Ps I love lops and have wanted one for a long time. Both my girls I have now are
rescues from bad homes I found out about. I've had them for 4 and 3 years 
now but had my first house rabbit in 1995.


----------



## NorthernAutumn (Oct 28, 2009)

A few thoughts from a landlord...

- Offer a pet deposit ($200-400 bucks) for any damage she might cause.

- Make it look as if she has never left the cage in her life. Essentially, a caged pet, no more trouble than a hamster.

- Look up your local regulations on housing. Often, pets are a grey area. Sometimes, the ad will say "no pets allowed", but there are people with pets in the building. Once you bring a pet there, is the management legally able to kick you out. Here in Ontario, that is not the case. Folks will screen against pets, but once a pet is here, there are no legal grounds for eviction. 
Talk to your renter's association for more information with that.

Good luck in resolving your situation! Best wishes to your bun


----------



## mardigraskisses (Oct 28, 2009)

*NorthernAutumn wrote:*


> - Make it look as if she has never left the cage in her life. Essentially, a caged pet, no more trouble than a hamster.

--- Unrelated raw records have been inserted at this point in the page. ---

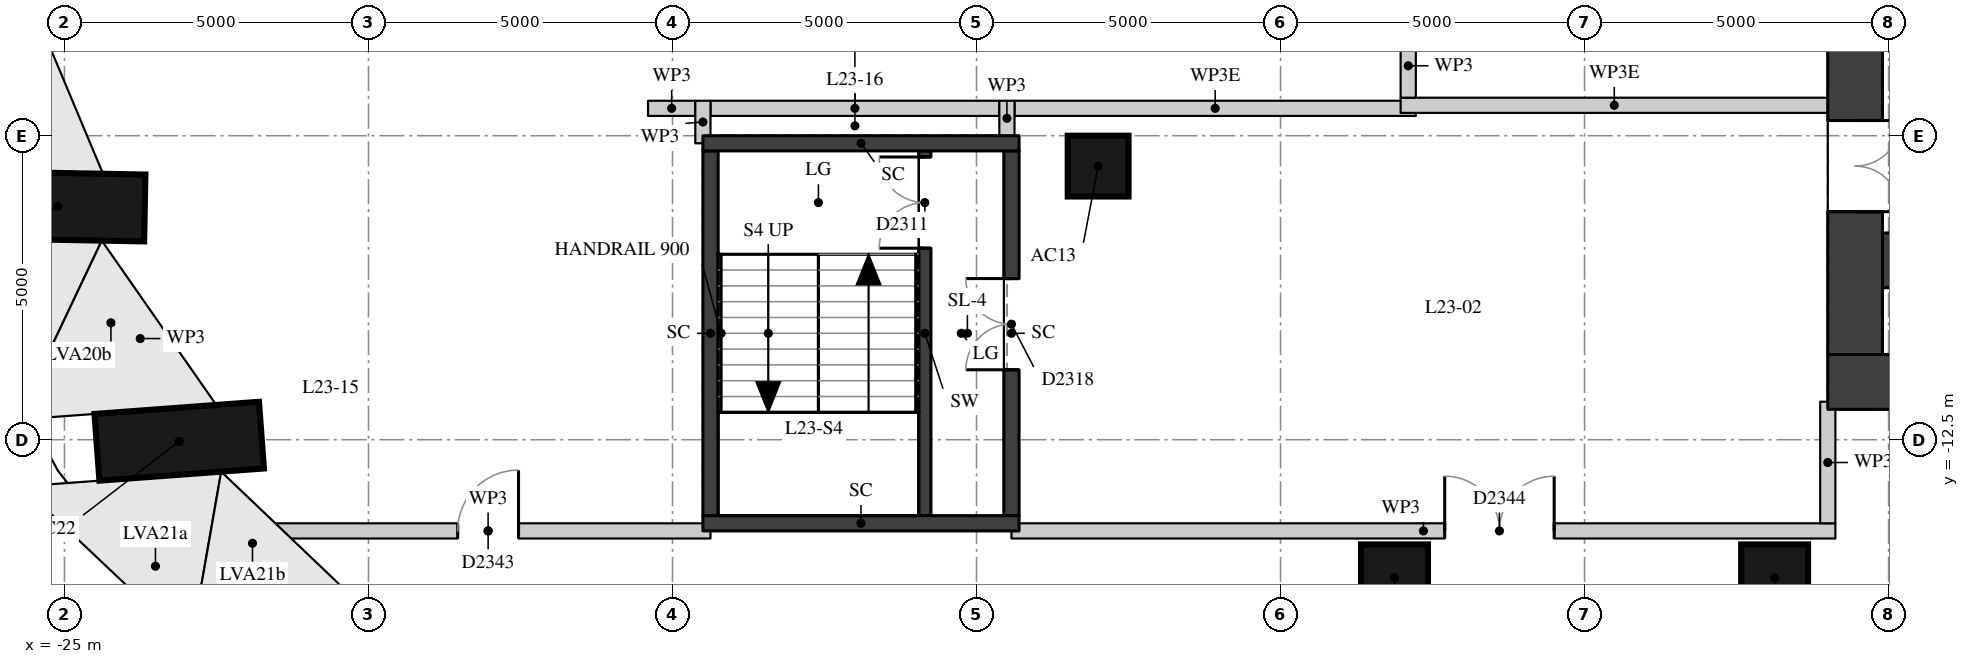
"""IFC4 building model, lengths in metres.
Left out: names, types, materials, properties, quantities, classifications, styles, units other than length and angle.
Written with IfcOpenShell. Run it as: python <this file> out.ifc"""

import sys

from ifc_helpers import new_model, si_unit, direction, frame, frame_2d, origin, origin_2d, place, context, subcontext, project, spatial, rectangle, extrude, element, fill, save


model = new_model("IFC4")
c1 = context("Model", 3, precision=1e-05, world=origin(), true_north=direction((0.0, 1.0)))
c2 = subcontext(c1, "Body", "Model", "MODEL_VIEW")
j1 = project(units=[si_unit("LENGTHUNIT", "METRE"), si_unit("PLANEANGLEUNIT", "RADIAN")], contexts=[c1])
p1 = place(None, origin())
s1 = spatial("IfcSite", under=j1, at=p1, CompositionType="ELEMENT")
p2 = place(p1, origin())
s2 = spatial("IfcBuilding", under=s1, at=p2, CompositionType="ELEMENT")
p3 = place(p2, frame((0.0, 0.0, 84.4)))
s3 = spatial("IfcBuildingStorey", under=s2, at=p3, CompositionType="ELEMENT", Elevation=84.4)
p4 = place(p3, frame((-26.546, -8.636, 0.471), z_axis=(0.627366064444, -0.011537766702, 0.778639005653), x_axis=(-0.778507362744, 0.014317376786, 0.627472149881)))
e1 = element("IfcColumn", 1, at=p4, inside=s3, PredefinedType="COLUMN", context=c2, shape_type="SweptSolid", body=[
    extrude(rectangle(XDim=1.5, YDim=1.1, at=origin_2d()), origin(), (0.0, 0.0, 1.0), 4.571),
])
p5 = place(p3, frame((-24.465, -12.625, 0.452), z_axis=(0.600492037274, 0.044382544764, 0.798398085476), x_axis=(-0.796226262122, -0.058849319437, 0.602129966958)))
e2 = element("IfcColumn", 2, at=p5, inside=s3, PredefinedType="COLUMN", context=c2, shape_type="SweptSolid", body=[
    extrude(rectangle(XDim=1.5, YDim=1.1, at=origin_2d()), origin(), (0.0, 0.0, 1.0), 4.505),
])
p6 = place(p3, frame((-8.0, -8.0, 0.0), z_axis=(0.0, 0.0, 1.0), x_axis=(1.0, 0.0, 0.0)))
e3 = element("IfcColumn", 3, at=p6, inside=s3, PredefinedType="COLUMN", context=c2, shape_type="SweptSolid", body=[
    extrude(rectangle(XDim=1.0, YDim=1.0, at=origin_2d()), origin(), (0.0, 0.0, 1.0), 4.5),
])
for number, where, z_axis, x_axis in (
    (4, (-3.126, -14.772, 0.0), (0.0, 0.0, 1.0), (1.0, 0.0, 0.0)),
    (5, (3.126, -14.772, 0.0), (0.0, 0.0, 1.0), (1.0, 0.0, 0.0)),
):
    element("IfcColumn", number, at=place(p3, frame(where, z_axis=z_axis, x_axis=x_axis)), inside=s3, PredefinedType="COLUMN", context=c2, shape_type="SweptSolid", body=[
        extrude(rectangle(XDim=1.1, YDim=1.1, at=origin_2d()), origin(), (0.0, 0.0, 1.0), 4.5),
    ])
p7 = place(p3, frame((4.45, -11.1, 0.0), z_axis=(0.0, 0.0, 1.0), x_axis=(0.0, 1.0, 0.0)))
e6 = element("IfcWall", 6, at=p7, inside=s3, PredefinedType="SHEAR", context=c2, shape_type="SweptSolid", body=[
    extrude(rectangle(XDim=22.2, YDim=0.9, at=frame_2d((11.1, 0.0))), origin(), (0.0, 0.0, 1.0), 4.22),
])
p8 = place(p7, frame((2.35, 0.0, 0.0)))
e7 = element("IfcOpeningElement", 7, at=p8, cuts=e6, PredefinedType="OPENING", context=c2, shape_type="SweptSolid", body=[
    extrude(rectangle(XDim=1.5, YDim=2.1, at=frame_2d((0.75, 1.05))), frame((0.0, 0.46, 0.0), z_axis=(0.0, -1.0, 0.0), x_axis=(1.0, 0.0, 0.0)), (0.0, 0.0, 1.0), 0.92),
])
p9 = place(p7, frame((5.45, 0.0, 0.0)))
e8 = element("IfcOpeningElement", 8, at=p9, cuts=e6, PredefinedType="OPENING", context=c2, shape_type="SweptSolid", body=[
    extrude(rectangle(XDim=1.8, YDim=2.1, at=frame_2d((0.9, 1.05))), frame((0.0, 0.46, 0.0), z_axis=(0.0, -1.0, 0.0), x_axis=(1.0, 0.0, 0.0)), (0.0, 0.0, 1.0), 0.92),
])
p10 = place(p7, frame((7.95, 0.0, 0.0)))
e9 = element("IfcOpeningElement", 9, at=p10, cuts=e6, PredefinedType="OPENING", context=c2, shape_type="SweptSolid", body=[
    extrude(rectangle(XDim=1.1, YDim=2.1, at=frame_2d((0.55, 1.05))), frame((0.0, 0.46, 0.0), z_axis=(0.0, -1.0, 0.0), x_axis=(1.0, 0.0, 0.0)), (0.0, 0.0, 1.0), 0.92),
])
p11 = place(p7, frame((10.6, 0.0, 0.0)))
e10 = element("IfcOpeningElement", 10, at=p11, cuts=e6, PredefinedType="OPENING", context=c2, shape_type="SweptSolid", body=[
    extrude(rectangle(XDim=1.0, YDim=2.1, at=frame_2d((0.5, 1.05))), frame((0.0, 0.46, 0.0), z_axis=(0.0, -1.0, 0.0), x_axis=(1.0, 0.0, 0.0)), (0.0, 0.0, 1.0), 0.92),
])
p12 = place(p7, frame((13.15, 0.0, 0.0)))
e11 = element("IfcOpeningElement", 11, at=p12, cuts=e6, PredefinedType="OPENING", context=c2, shape_type="SweptSolid", body=[
    extrude(rectangle(XDim=1.1, YDim=2.1, at=frame_2d((0.55, 1.05))), frame((0.0, 0.46, 0.0), z_axis=(0.0, -1.0, 0.0), x_axis=(1.0, 0.0, 0.0)), (0.0, 0.0, 1.0), 0.92),
])
p13 = place(p7, frame((14.95, 0.0, 0.0)))
e12 = element("IfcOpeningElement", 12, at=p13, cuts=e6, PredefinedType="OPENING", context=c2, shape_type="SweptSolid", body=[
    extrude(rectangle(XDim=1.8, YDim=2.1, at=frame_2d((0.9, 1.05))), frame((0.0, 0.46, 0.0), z_axis=(0.0, -1.0, 0.0), x_axis=(1.0, 0.0, 0.0)), (0.0, 0.0, 1.0), 0.92),
])
p14 = place(p7, frame((18.35, 0.0, 0.0)))
e13 = element("IfcOpeningElement", 13, at=p14, cuts=e6, PredefinedType="OPENING", context=c2, shape_type="SweptSolid", body=[
    extrude(rectangle(XDim=1.5, YDim=2.1, at=frame_2d((0.75, 1.05))), frame((0.0, 0.46, 0.0), z_axis=(0.0, -1.0, 0.0), x_axis=(1.0, 0.0, 0.0)), (0.0, 0.0, 1.0), 0.92),
])
p15 = place(p3, frame((4.0, -11.55, 0.0), z_axis=(0.0, 0.0, 1.0), x_axis=(1.0, 0.0, 0.0)))
e14 = element("IfcWall", 14, at=p15, inside=s3, PredefinedType="SHEAR", context=c2, shape_type="SweptSolid", body=[
    extrude(rectangle(XDim=15.2, YDim=0.9, at=frame_2d((7.6, 0.0))), origin(), (0.0, 0.0, 1.0), 4.22),
])
p16 = place(p3, frame((4.9, -9.55, 0.0), z_axis=(0.0, 0.0, 1.0), x_axis=(1.0, 0.0, 0.0)))
e15 = element("IfcWall", 15, at=p16, inside=s3, PredefinedType="SHEAR", context=c2, shape_type="SweptSolid", body=[
    extrude(rectangle(XDim=10.2, YDim=0.9, at=frame_2d((5.1, 0.0))), origin(), (0.0, 0.0, 1.0), 4.22),
])
p17 = place(p3, frame((-10.85, -13.75, 0.0), z_axis=(0.0, 0.0, 1.0), x_axis=(0.0, 1.0, 0.0)))
e16 = element("IfcWall", 16, at=p17, inside=s3, PredefinedType="SHEAR", context=c2, shape_type="SweptSolid", body=[
    extrude(rectangle(XDim=6.0, YDim=0.2, at=frame_2d((3.0, 0.0))), origin(), (0.0, 0.0, 1.0), 4.22),
])
p18 = place(p17, frame((4.4, 0.0, 0.0)))
e17 = element("IfcOpeningElement", 17, at=p18, cuts=e16, PredefinedType="OPENING", context=c2, shape_type="SweptSolid", body=[
    extrude(rectangle(XDim=1.5, YDim=2.1, at=frame_2d((0.75, 1.05))), frame((0.0, 0.11, 0.0), z_axis=(0.0, -1.0, 0.0), x_axis=(1.0, 0.0, 0.0)), (0.0, 0.0, 1.0), 0.22),
])
p19 = place(p3, frame((-14.375, -13.75, -0.45), z_axis=(0.0, 0.0, 1.0), x_axis=(0.0, 1.0, 0.0)))
e18 = element("IfcWall", 18, at=p19, inside=s3, PredefinedType="SHEAR", context=c2, shape_type="SweptSolid", body=[
    extrude(rectangle(XDim=6.0, YDim=0.25, at=frame_2d((3.0, 0.0))), origin(), (0.0, 0.0, 1.0), 4.67),
])
p20 = place(p3, frame((-9.425, -13.75, -0.45), z_axis=(0.0, 0.0, 1.0), x_axis=(0.0, 1.0, 0.0)))
e19 = element("IfcWall", 19, at=p20, inside=s3, PredefinedType="SHEAR", context=c2, shape_type="SweptSolid", body=[
    extrude(rectangle(XDim=6.0, YDim=0.25, at=frame_2d((3.0, 0.0))), origin(), (0.0, 0.0, 1.0), 4.67),
])
p21 = place(p20, frame((2.4, 0.0, 0.45)))
e20 = element("IfcOpeningElement", 20, at=p21, cuts=e19, PredefinedType="OPENING", context=c2, shape_type="SweptSolid", body=[
    extrude(rectangle(XDim=1.5, YDim=2.1, at=frame_2d((0.75, 1.05))), frame((0.0, 0.135, 0.0), z_axis=(0.0, -1.0, 0.0), x_axis=(1.0, 0.0, 0.0)), (0.0, 0.0, 1.0), 0.27),
])
for number, where, z_axis, x_axis in (
    (21, (-14.5, -7.625, -0.45), (0.0, 0.0, 1.0), (1.0, 0.0, 0.0)),
    (22, (-14.5, -13.875, -0.45), (0.0, 0.0, 1.0), (1.0, 0.0, 0.0)),
):
    element("IfcWall", number, at=place(p3, frame(where, z_axis=z_axis, x_axis=x_axis)), inside=s3, PredefinedType="SHEAR", context=c2, shape_type="SweptSolid", body=[
        extrude(rectangle(XDim=5.2, YDim=0.25, at=frame_2d((2.6, 0.0))), origin(), (0.0, 0.0, 1.0), 4.67),
    ])
p22 = place(p3, frame((-24.348, -9.7, 0.0), z_axis=(0.0, 0.0, 1.0), x_axis=(0.46384696326, -0.885915342837, 0.0)))
e23 = element("IfcWall", 23, at=p22, inside=s3, PredefinedType="PARTITIONING", context=c2, shape_type="SweptSolid", body=[
    extrude(rectangle(XDim=2.565, YDim=0.25, at=frame_2d((1.283, 0.0))), origin(), (0.0, 0.0, 1.0), 4.22),
])
p23 = place(p3, frame((-21.69, -14.0, 0.0), z_axis=(0.0, 0.0, 1.0), x_axis=(1.0, 0.0, 0.0)))
e24 = element("IfcWall", 24, at=p23, inside=s3, PredefinedType="PARTITIONING", context=c2, shape_type="SweptSolid", body=[
    extrude(rectangle(XDim=7.315, YDim=0.25, at=frame_2d((3.657, 0.0))), origin(), (0.0, 0.0, 1.0), 4.22),
])
p24 = place(p23, frame((3.158, 0.0, 0.0)))
e25 = element("IfcOpeningElement", 25, at=p24, cuts=e24, PredefinedType="OPENING", context=c2, shape_type="SweptSolid", body=[
    extrude(rectangle(XDim=1.0, YDim=2.1, at=frame_2d((0.5, 1.05))), frame((0.0, 0.135, 0.0), z_axis=(0.0, -1.0, 0.0), x_axis=(1.0, 0.0, 0.0)), (0.0, 0.0, 1.0), 0.27),
])
p25 = place(p3, frame((-9.425, -14.0, 0.0), z_axis=(0.0, 0.0, 1.0), x_axis=(1.0, 0.0, 0.0)))
e26 = element("IfcWall", 26, at=p25, inside=s3, PredefinedType="PARTITIONING", context=c2, shape_type="SweptSolid", body=[
    extrude(rectangle(XDim=13.55, YDim=0.25, at=frame_2d((6.775, 0.0))), origin(), (0.0, 0.0, 1.0), 4.22),
])
p26 = place(p25, frame((7.125, 0.0, 0.0)))
e27 = element("IfcOpeningElement", 27, at=p26, cuts=e26, PredefinedType="OPENING", context=c2, shape_type="SweptSolid", body=[
    extrude(rectangle(XDim=1.8, YDim=2.1, at=frame_2d((0.9, 1.05))), frame((0.0, 0.135, 0.0), z_axis=(0.0, -1.0, 0.0), x_axis=(1.0, 0.0, 0.0)), (0.0, 0.0, 1.0), 0.27),
])
p27 = place(p3, frame((-15.402, -7.05, 0.0), z_axis=(0.0, 0.0, 1.0), x_axis=(1.0, 0.0, 0.0)))
e28 = element("IfcWall", 28, at=p27, inside=s3, PredefinedType="PARTITIONING", context=c2, shape_type="SweptSolid", body=[
    extrude(rectangle(XDim=0.777, YDim=0.25, at=frame_2d((0.389, 0.0))), origin(), (0.0, 0.0, 1.0), 4.22),
])
p28 = place(p3, frame((-14.375, -7.05, 0.0), z_axis=(0.0, 0.0, 1.0), x_axis=(1.0, 0.0, 0.0)))
e29 = element("IfcWall", 29, at=p28, inside=s3, PredefinedType="PARTITIONING", context=c2, shape_type="SweptSolid", body=[
    extrude(rectangle(XDim=4.75, YDim=0.25, at=frame_2d((2.375, 0.0))), origin(), (0.0, 0.0, 1.0), 4.22),
])
p29 = place(p3, frame((-9.375, -7.05, 0.0), z_axis=(0.0, 0.0, 1.0), x_axis=(1.0, 0.0, 0.0)))
e30 = element("IfcWall", 30, at=p29, inside=s3, PredefinedType="PARTITIONING", context=c2, shape_type="SweptSolid", body=[
    extrude(rectangle(XDim=6.6, YDim=0.25, at=frame_2d((3.3, 0.0))), origin(), (0.0, 0.0, 1.0), 3.67),
])
p30 = place(p3, frame((-3.025, -7.0, 0.0), z_axis=(0.0, 0.0, 1.0), x_axis=(1.0, 0.0, 0.0)))
e31 = element("IfcWall", 31, at=p30, inside=s3, PredefinedType="PARTITIONING", context=c2, shape_type="SweptSolid", body=[
    extrude(rectangle(XDim=7.027, YDim=0.25, at=frame_2d((3.513, 0.0))), origin(), (0.0, 0.0, 1.0), 3.67),
])
p31 = place(p3, frame((-14.5, -7.625, 0.0), z_axis=(0.0, 0.0, 1.0), x_axis=(0.0, 1.0, 0.0)))
e32 = element("IfcWall", 32, at=p31, inside=s3, PredefinedType="PARTITIONING", context=c2, shape_type="SweptSolid", body=[
    extrude(rectangle(XDim=0.7, YDim=0.25, at=frame_2d((0.35, 0.0))), origin(), (0.0, 0.0, 1.0), 4.22),
])
p32 = place(p3, frame((-9.5, -7.502, 0.0), z_axis=(0.0, 0.0, 1.0), x_axis=(0.0, 1.0, 0.0)))
e33 = element("IfcWall", 33, at=p32, inside=s3, PredefinedType="PARTITIONING", context=c2, shape_type="SweptSolid", body=[
    extrude(rectangle(XDim=0.577, YDim=0.25, at=frame_2d((0.289, 0.0))), origin(), (0.0, 0.0, 1.0), 4.22),
])
p33 = place(p3, frame((-2.9, -6.875, 0.0), z_axis=(0.0, 0.0, 1.0), x_axis=(0.0, 1.0, 0.0)))
e34 = element("IfcWall", 34, at=p33, inside=s3, PredefinedType="PARTITIONING", context=c2, shape_type="SweptSolid", body=[
    extrude(rectangle(XDim=1.05, YDim=0.25, at=frame_2d((0.525, 0.0))), origin(), (0.0, 0.0, 1.0), 4.22),
])
p34 = place(p3, frame((4.0, -13.875, 0.0), z_axis=(0.0, 0.0, 1.0), x_axis=(0.0, 1.0, 0.0)))
e35 = element("IfcWall", 35, at=p34, inside=s3, PredefinedType="PARTITIONING", context=c2, shape_type="SweptSolid", body=[
    extrude(rectangle(XDim=2.0, YDim=0.25, at=frame_2d((1.0, 0.0))), origin(), (0.0, 0.0, 1.0), 4.22),
])
p35 = place(p8, origin())
e36 = element("IfcDoor", 36, at=p35, inside=s3, OperationType="DOUBLE_DOOR_SINGLE_SWING", PredefinedType="DOOR", context=c2, shape_type="SweptSolid", body=[
    extrude(rectangle(XDim=1.5, YDim=2.1, at=frame_2d((0.75, 1.05))), frame((0.0, 0.025, 0.0), z_axis=(0.0, -1.0, 0.0), x_axis=(1.0, 0.0, 0.0)), (0.0, 0.0, 1.0), 0.05),
])
fill(e7, e36)
p36 = place(p18, origin())
e37 = element("IfcDoor", 37, at=p36, inside=s3, OperationType="DOUBLE_DOOR_SINGLE_SWING", PredefinedType="DOOR", context=c2, shape_type="SweptSolid", body=[
    extrude(rectangle(XDim=1.5, YDim=2.1, at=frame_2d((0.75, 1.05))), frame((0.0, 0.025, 0.0), z_axis=(0.0, -1.0, 0.0), x_axis=(1.0, 0.0, 0.0)), (0.0, 0.0, 1.0), 0.05),
])
fill(e17, e37)
p37 = place(p21, origin())
e38 = element("IfcDoor", 38, at=p37, inside=s3, OperationType="DOUBLE_DOOR_SINGLE_SWING", PredefinedType="DOOR", context=c2, shape_type="SweptSolid", body=[
    extrude(rectangle(XDim=1.5, YDim=2.1, at=frame_2d((0.75, 1.05))), frame((0.0, 0.025, 0.0), z_axis=(0.0, -1.0, 0.0), x_axis=(1.0, 0.0, 0.0)), (0.0, 0.0, 1.0), 0.05),
])
fill(e20, e38)
p38 = place(p26, origin())
e39 = element("IfcDoor", 39, at=p38, inside=s3, OperationType="DOUBLE_DOOR_SINGLE_SWING", PredefinedType="DOOR", context=c2, shape_type="SweptSolid", body=[
    extrude(rectangle(XDim=1.8, YDim=2.1, at=frame_2d((0.9, 1.05))), frame((0.0, 0.025, 0.0), z_axis=(0.0, -1.0, 0.0), x_axis=(1.0, 0.0, 0.0)), (0.0, 0.0, 1.0), 0.05),
])
fill(e27, e39)
p39 = place(p24, origin())
e40 = element("IfcDoor", 40, at=p39, inside=s3, OperationType="SINGLE_SWING_RIGHT", PredefinedType="DOOR", context=c2, shape_type="SweptSolid", body=[
    extrude(rectangle(XDim=1.0, YDim=2.1, at=frame_2d((0.5, 1.05))), frame((0.0, 0.025, 0.0), z_axis=(0.0, -1.0, 0.0), x_axis=(1.0, 0.0, 0.0)), (0.0, 0.0, 1.0), 0.05),
])
fill(e25, e40)
save(model, sys.argv[1])

That's what I did with my landlord. Told her the only time the rabbit was out of his cage was if I had him on the back porch. My little secret.


----------



## Izzadorra (Nov 1, 2009)

Did you find a home for her yet?


----------



## Blaze_Amita (Nov 2, 2009)

If i could, i would bring her home for you, but we aren't allowed pets either, plus my mother is allergic to the hair breeds, not the woolies or rex's. 
If i knew of someone that was closer to you i would give you their number. i know my sister is in tiffin, but they've got 4 cats and oen cocker spainel which isn't very well trained


----------



## eckbrat (Nov 2, 2009)

I've been talking with Cyn (see above) about her taking Willoe. Nothing has been set in stone.


----------



## SweetSassy (Nov 2, 2009)

http://daytonrabbit.org/



Have you tried this shelter? They are great!


----------



## mom o 4 (Nov 7, 2009)

do you still need to find a home for her?


----------



## Cyn (Nov 8, 2009)

Here is what's going on now. We just looked at the apt we have been waiting for.
It's small and I mean the rooms are rather small but the living area is all open to the kitchen, dining and living room so we can make due because the layout of the apt is 
just perfect. 2 bedrooms on one side and the master on the other. and the kitchen is so big and will be super easy to bunny proof that whole area. and we CAN have the bunnies

I'm happy that we found someone that will allow the rabbits. We are paying extra for rent etc but we already figured that we would have to anyway so that's not a problem. Been a long 6 months looking for a pet ( bunny) friendly place but has been worth it.

Bad news is because of the space issue, it will more than likely prohibit us from adopting Willoe. We hope to be moved by the middle of dec and I will know more than. If I can somehow find the space needed for another condo, I'll will, but for now does not look good. I'm so disappointed. :-(

BB
Cyn


----------



## eckbrat (Nov 13, 2009)

Aw. It's OK if you can't Cyn. I was thinking of looking into the shelter someone posted earlier. I just didn't want to look into it until I knew what you wanted to do.


----------